Snort employs a declarative DSL for rules descriptions. Packet networks are inspected by Snort IDS based on the specified rules. As an example, a rule could state that any packet directed to port 80 and containing the string “cmd.exe” is considered malicious and therefore measures could be taken to deal with it.
Snort rules are a set of declarative instructions designed to express a pattern to look for in the network packets. Many parts of the packet can be inspected such as the source and destination IP addresses, the source and destination port numbers, the protocol options and the packet payload. Rules are composed of two parts: the rule header and the rule options. The header contains the rule's action, protocol, source and destination IP addresses and netmasks, and the source and destination port numbers. The rule options are used for many operations such as content matching, TCP flags testing or payload size checking, etc.
The different fields that form a rule header are: Rule actions, protocols, IP addresses, and port numbers. In the first part of the header, one of the three possible actions can be specified:
- Log action: logs the packet that caused the rule to fire.
- Alert action: logs the packet that caused the rule to fire and generates an alert using the selected alert method.
- Pass action: lets the packet through without any further processing.
- Drop action: drops the packet (in-line mode only).
- SDrop action: silently drops the packet (in-line mode only).
- Reject action: rejects the packet (in-line mode only).
The next field in the rule header is the protocol. The three protocols that Snort supports are TCP, UDP and ICMP (the IP protocol stands for any of the previous three). Then, the source and destination IP addresses are specified in the header. The keyword “any” is used to define any IP address. The Direction operator “->” is used to differentiate between the source and the destination of the packet. Furthermore, the netmask could be specified to designate a block of addresses for the destination. In the last part of the header, port numbers are specified. One or a range of port numbers can be specified either directly or by negation.

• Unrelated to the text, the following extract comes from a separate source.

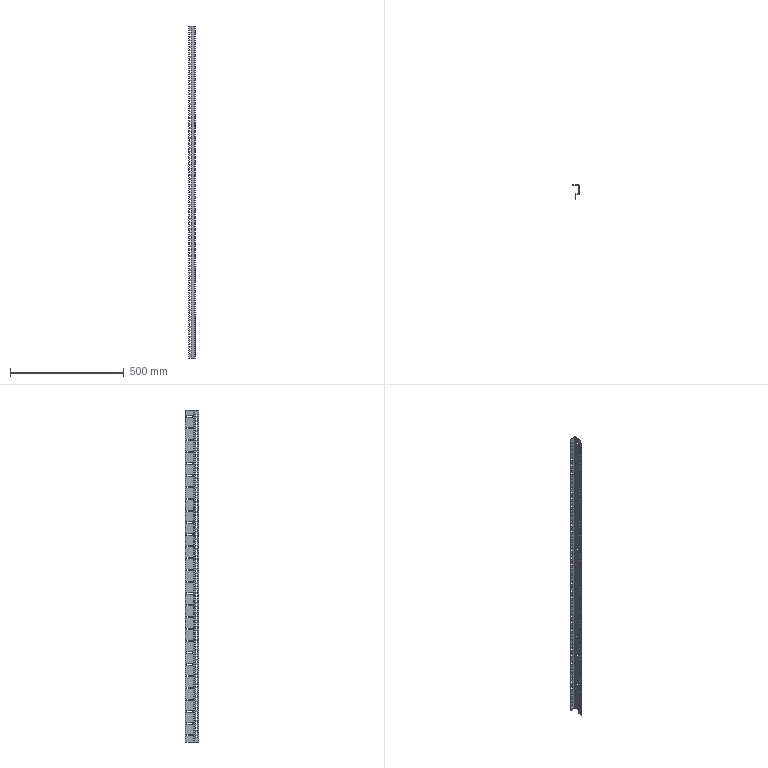Component | SolidWorks | SmallColumn-1 | 1 solid | 1066 faces | volume 254727 mm3 | plane 912 | cylinder 154 | commonest cylinder face diameters 6 x87 2 x35 1 x32

Snort provides 15 different rule options that are used for operations such as pattern matching or testing the IP and TCP fields. For instance, one can test the TCP flags or the TTL (time-to-live, in the IP header) for certain values. All rule options deal with one packet at a time. So basically, writing a Snort rule would consist in defining a set of constraints on the fields of every occurring packet. Snort validates the packets one at a time, and doesn't allow one rule to be fired based on constraints touching on two separate packets. This is mainly due to the fact that Snort was designed to process packets online while incurring a low impact on the system's performance. By expressing more complex rules, the run-time packet inspection would significantly impact the system's performance.